The data-sharing policy of the journal Science says, “All data necessary to understand, assess and extend the conclusions of the manuscript must be available to any reader of Science.” But in the case of a 2010 article based on data from cellphone patterns, a legal agreement with the data provider prevented the researchers from even disclosing the country of origin.
There are certainly many problems here, ranging from privacy concerns to intellectual property rights to the sheer practical difficulty of arranging and distributing very large data sets. But in my experience, all of these difficulties can be overcome when people are motivated to do so. And researchers often rely on these difficulties to bolster a conclusion that they prefer on much more personal grounds, namely the competitive advantage and protection against refutation that they derive from exclusive access to a large and hard-to-replicate body of data.
A common consequence of the view that "it can't be done", wherever this view comes from, is that data is collected in a way that in fact does guarantee that it can't be shared with other researchers — because the consent forms (or other agreements with people involved) fail to include any provision for such sharing, or even explicitly promise that it will not occur.
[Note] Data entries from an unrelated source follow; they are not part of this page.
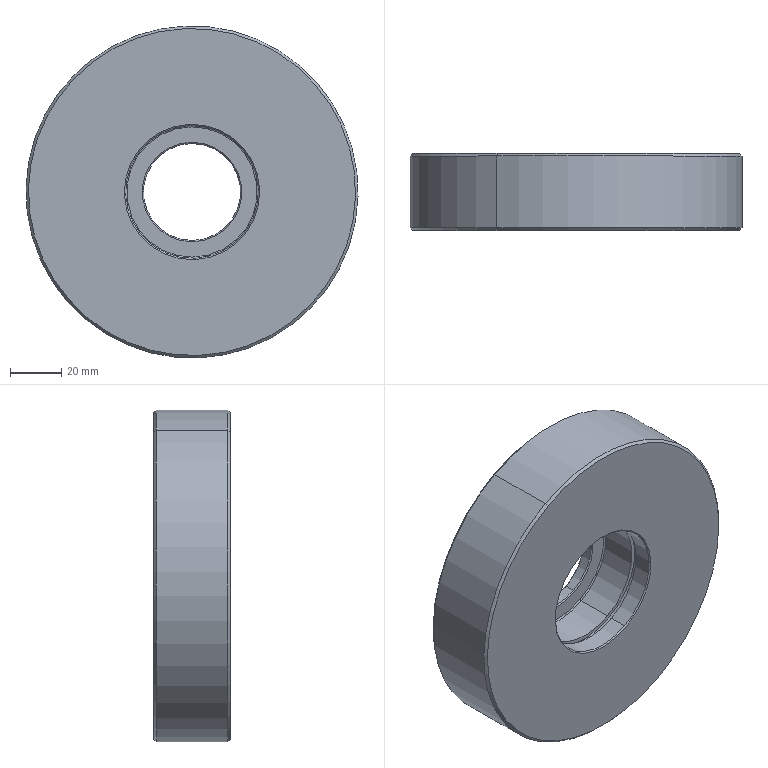Component | SolidWorks | Yk1.5.4NylonRoller-1 | 1 solid | 27 faces | box 130 x 30 x 130 mm | volume 338430 mm3 | cylinder 10 | cone 10 | plane 5 | torus 2 | commonest cylinder face diameters 52 x4 55 x2 130 x2 38 x2 | material MC Nylon
build123d program:
from build123d import *

# Parameters (mm, degrees)
SKETCH1_R           = 65
SKETCH1_R_2         = 19
BOSS_EXTRUDE1_DEPTH = 30
CHAMFER1_SIZE       = 1
SKETCH2_R           = 26
CUT_EXTRUDE2_DEPTH  = 25
CHAMFER2_SIZE       = 0.5
SKETCH3_W           = 27.5
SKETCH3_H           = 2.2
FILLET1_R           = 0.5


with BuildPart() as part:
    # Sketch1 → Boss-Extrude1 (new body)
    with BuildSketch(Plane(origin=(0, 0, 0), x_dir=(1, 0, 0), z_dir=(0, 1, 0))):
        with Locations(Location((0, 0, 0), (0, 0, 270))):
            Circle(SKETCH1_R)
        with Locations(Location((0, 0, 0), (0, 0, 270))):
            Circle(SKETCH1_R_2, mode=Mode.SUBTRACT)
    extrude(amount=BOSS_EXTRUDE1_DEPTH)

    # Chamfer1
    chamfer1_edges = [part.edges().sort_by_distance(p)[0] for p in [
        (0, 0, -65),
        (0, 30, -65),
    ]]
    chamfer(chamfer1_edges, length=CHAMFER1_SIZE)

    # Sketch2 → Cut-Extrude2 (cut)
    with BuildSketch(Plane(origin=(0, 30, 0), x_dir=(1, 0, 0), z_dir=(0, 1, 0))):
        with Locations(Location((0, 0, 0), (0, 0, 270))):
            Circle(SKETCH2_R)
    extrude(amount=-CUT_EXTRUDE2_DEPTH, mode=Mode.SUBTRACT)

    # Chamfer2
    chamfer2_edges = [part.edges().sort_by_distance(p)[0] for p in [
        (0, 5, -19),
        (0, 30, -26),
        (0, 0, -19),
    ]]
    chamfer(chamfer2_edges, length=CHAMFER2_SIZE)

    # Sketch3 → Cut-Revolve1 (revolve, cut)
    with BuildSketch(Plane.XY, mode=Mode.PRIVATE) as cut_revolve1_sk:
        with Locations((13.75, 21.1)):
            Rectangle(SKETCH3_W, SKETCH3_H)
    revolve(cut_revolve1_sk.sketch.rotate(Axis((0, 0, 0), (0, 1, 0)), 270), axis=Axis((0, 0, 0), (0, 1, 0)), mode=Mode.SUBTRACT)

    # Fillet1
    fillet1_edges = [part.edges().sort_by_distance(p)[0] for p in [
        (0, 5, -26),
    ]]
    fillet(fillet1_edges, radius=FILLET1_R)


solid = part.part

# Placed as in the assembly
solid = solid.moved(Location((98.534, -20, 23.559), (180, 0, 0)))
STEP:
#1=CARTESIAN_POINT('',(4.358,-0.9843,0.04503));
#2=VERTEX_POINT('',#1);
#3=CARTESIAN_POINT('',(3.401,-0.9843,1.81));
#4=VERTEX_POINT('',#3);
#5=CARTESIAN_POINT('',(3.879,-0.9843,0.9275));
#6=DIRECTION('',(0.,-1.,-0.));
#7=DIRECTION('',(-0.4768,0.,0.879));
#8=AXIS2_PLACEMENT_3D('',#5,#6,#7);
#9=CIRCLE('',#8,1.004);
#10=EDGE_CURVE('',#2,#4,#9,.T.);
#11=ORIENTED_EDGE('',*,*,#10,.F.);
#12=CARTESIAN_POINT('',(4.367,-1.004,0.02773));
#13=VERTEX_POINT('',#12);
#14=CARTESIAN_POINT('',(4.358,-1.004,0.04503));
#15=DIRECTION('',(-0.879,-0.,-0.4768));
#16=DIRECTION('',(-0.4768,0.,0.879));
#17=AXIS2_PLACEMENT_3D('',#14,#15,#16);
#18=CIRCLE('',#17,0.01969);
#19=EDGE_CURVE('',#2,#13,#18,.T.);
#20=ORIENTED_EDGE('',*,*,#19,.T.);
#21=CARTESIAN_POINT('',(3.391,-1.004,1.827));
#22=VERTEX_POINT('',#21);
#23=CARTESIAN_POINT('',(3.879,-1.004,0.9275));
#24=DIRECTION('',(-0.,1.,0.));
#25=DIRECTION('',(-0.4768,0.,0.879));
#26=AXIS2_PLACEMENT_3D('',#23,#24,#25);
#27=CIRCLE('',#26,1.024);
#28=EDGE_CURVE('',#22,#13,#27,.T.);
#29=ORIENTED_EDGE('',*,*,#28,.F.);
#30=CARTESIAN_POINT('',(3.401,-1.004,1.81));
#31=DIRECTION('',(0.879,0.,0.4768));
#32=DIRECTION('',(0.4768,0.,-0.879));
#33=AXIS2_PLACEMENT_3D('',#30,#31,#32);
#34=CIRCLE('',#33,0.01969);
#35=EDGE_CURVE('',#4,#22,#34,.T.);
#36=ORIENTED_EDGE('',*,*,#35,.F.);
#37=EDGE_LOOP('',(#11,#20,#29,#36));
#38=FACE_OUTER_BOUND('',#37,.T.);
#39=CARTESIAN_POINT('',(3.879,-1.004,0.9275));
#40=DIRECTION('',(0.,-1.,-0.));
#41=DIRECTION('',(-0.4768,-0.,0.879));
#42=AXIS2_PLACEMENT_3D('',#39,#40,#41);
#43=TOROIDAL_SURFACE('',#42,1.004,0.01969);
#44=ADVANCED_FACE('',(#38),#43,.F.);
#45=CARTESIAN_POINT('',(3.363,-1.661,1.879));
#46=VERTEX_POINT('',#45);
#47=CARTESIAN_POINT('',(4.395,-1.661,-0.02418));
#48=VERTEX_POINT('',#47);
#49=CARTESIAN_POINT('',(3.879,-1.661,0.9275));
#50=DIRECTION('',(-0.,1.,0.));
#51=DIRECTION('',(0.4768,0.,-0.879));
#52=AXIS2_PLACEMENT_3D('',#49,#50,#51);
#53=CIRCLE('',#52,1.083);
#54=EDGE_CURVE('',#46,#48,#53,.T.);
#55=ORIENTED_EDGE('',*,*,#54,.F.);
#56=CARTESIAN_POINT('',(3.363,-1.575,1.879));
#57=VERTEX_POINT('',#56);
#58=CARTESIAN_POINT('',(3.363,-0.7874,1.879));
#59=DIRECTION('',(-0.,1.,0.));
#60=VECTOR('',#59,39.37);
#61=LINE('',#58,#60);
#62=EDGE_CURVE('',#46,#57,#61,.T.);
#63=ORIENTED_EDGE('',*,*,#62,.T.);
#64=CARTESIAN_POINT('',(4.395,-1.575,-0.02418));
#65=VERTEX_POINT('',#64);
#66=CARTESIAN_POINT('',(3.879,-1.575,0.9275));
#67=DIRECTION('',(-0.,1.,0.));
#68=DIRECTION('',(0.4768,0.,-0.879));
#69=AXIS2_PLACEMENT_3D('',#66,#67,#68);
#70=CIRCLE('',#69,1.083);
#71=EDGE_CURVE('',#57,#65,#70,.T.);
#72=ORIENTED_EDGE('',*,*,#71,.T.);
#73=CARTESIAN_POINT('',(4.395,-0.7874,-0.02418));
#74=DIRECTION('',(-0.,1.,0.));
#75=VECTOR('',#74,39.37);
#76=LINE('',#73,#75);
#77=EDGE_CURVE('',#48,#65,#76,.T.);
#78=ORIENTED_EDGE('',*,*,#77,.F.);
#79=EDGE_LOOP('',(#55,#63,#72,#78));
#80=FACE_OUTER_BOUND('',#79,.T.);
#81=CARTESIAN_POINT('',(3.879,-0.7874,0.9275));
#82=DIRECTION('',(-0.,1.,0.));
#83=DIRECTION('',(0.4768,0.,-0.879));
#84=AXIS2_PLACEMENT_3D('',#81,#82,#83);
#85=CYLINDRICAL_SURFACE('',#84,1.083);
#86=ADVANCED_FACE('',(#80),#85,.F.);
#87=CARTESIAN_POINT('',(3.523,-0.8071,1.585));
#88=VERTEX_POINT('',#87);
#89=CARTESIAN_POINT('',(4.236,-0.8071,0.27));
#90=VERTEX_POINT('',#89);
#91=CARTESIAN_POINT('',(3.879,-0.8071,0.9275));
#92=DIRECTION('',(-0.,1.,0.));
#93=DIRECTION('',(-0.4768,0.,0.879));
#94=AXIS2_PLACEMENT_3D('',#91,#92,#93);
#95=CIRCLE('',#94,0.748);
#96=EDGE_CURVE('',#88,#90,#95,.T.);
#97=ORIENTED_EDGE('',*,*,#96,.F.);
#98=CARTESIAN_POINT('',(3.513,-0.7874,1.602));
#99=VERTEX_POINT('',#98);
#100=CARTESIAN_POINT('',(3.513,-0.7874,1.602));
#101=DIRECTION('',(-0.3371,0.7071,0.6216));
#102=VECTOR('',#101,39.37);
#103=LINE('',#100,#102);
#104=EDGE_CURVE('',#88,#99,#103,.T.);
#105=ORIENTED_EDGE('',*,*,#104,.T.);
#106=CARTESIAN_POINT('',(4.245,-0.7874,0.2527));
#107=VERTEX_POINT('',#106);
#108=CARTESIAN_POINT('',(3.879,-0.7874,0.9275));
#109=DIRECTION('',(0.,-1.,-0.));
#110=DIRECTION('',(-0.4768,0.,0.879));
#111=AXIS2_PLACEMENT_3D('',#108,#109,#110);
#112=CIRCLE('',#111,0.7677);
#113=EDGE_CURVE('',#107,#99,#112,.T.);
#114=ORIENTED_EDGE('',*,*,#113,.F.);
#115=CARTESIAN_POINT('',(4.245,-0.7874,0.2527));
#116=DIRECTION('',(0.3371,0.7071,-0.6216));
#117=VECTOR('',#116,39.37);
#118=LINE('',#115,#117);
#119=EDGE_CURVE('',#90,#107,#118,.T.);
#120=ORIENTED_EDGE('',*,*,#119,.F.);
#121=EDGE_LOOP('',(#97,#105,#114,#120));
#122=FACE_OUTER_BOUND('',#121,.T.);
#123=CARTESIAN_POINT('',(3.879,-0.7874,0.9275));
#124=DIRECTION('',(-0.,1.,0.));
#125=DIRECTION('',(0.4768,0.,-0.879));
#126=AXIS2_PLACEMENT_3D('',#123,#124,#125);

For example, at LREC 2012 I was told that the Norwegian portion of the Nordic Dialect Corpus, based on a large geographic sample of spoken interviews, was collected based on agreements with the interviewees that will prevent the recordings being shared with anyone outside the university research group involved "until perhaps after all the participants are dead". It was asserted that this state of affairs is mandated by "our privacy laws", though other Norwegian researchers later expressed surprise at this point of view.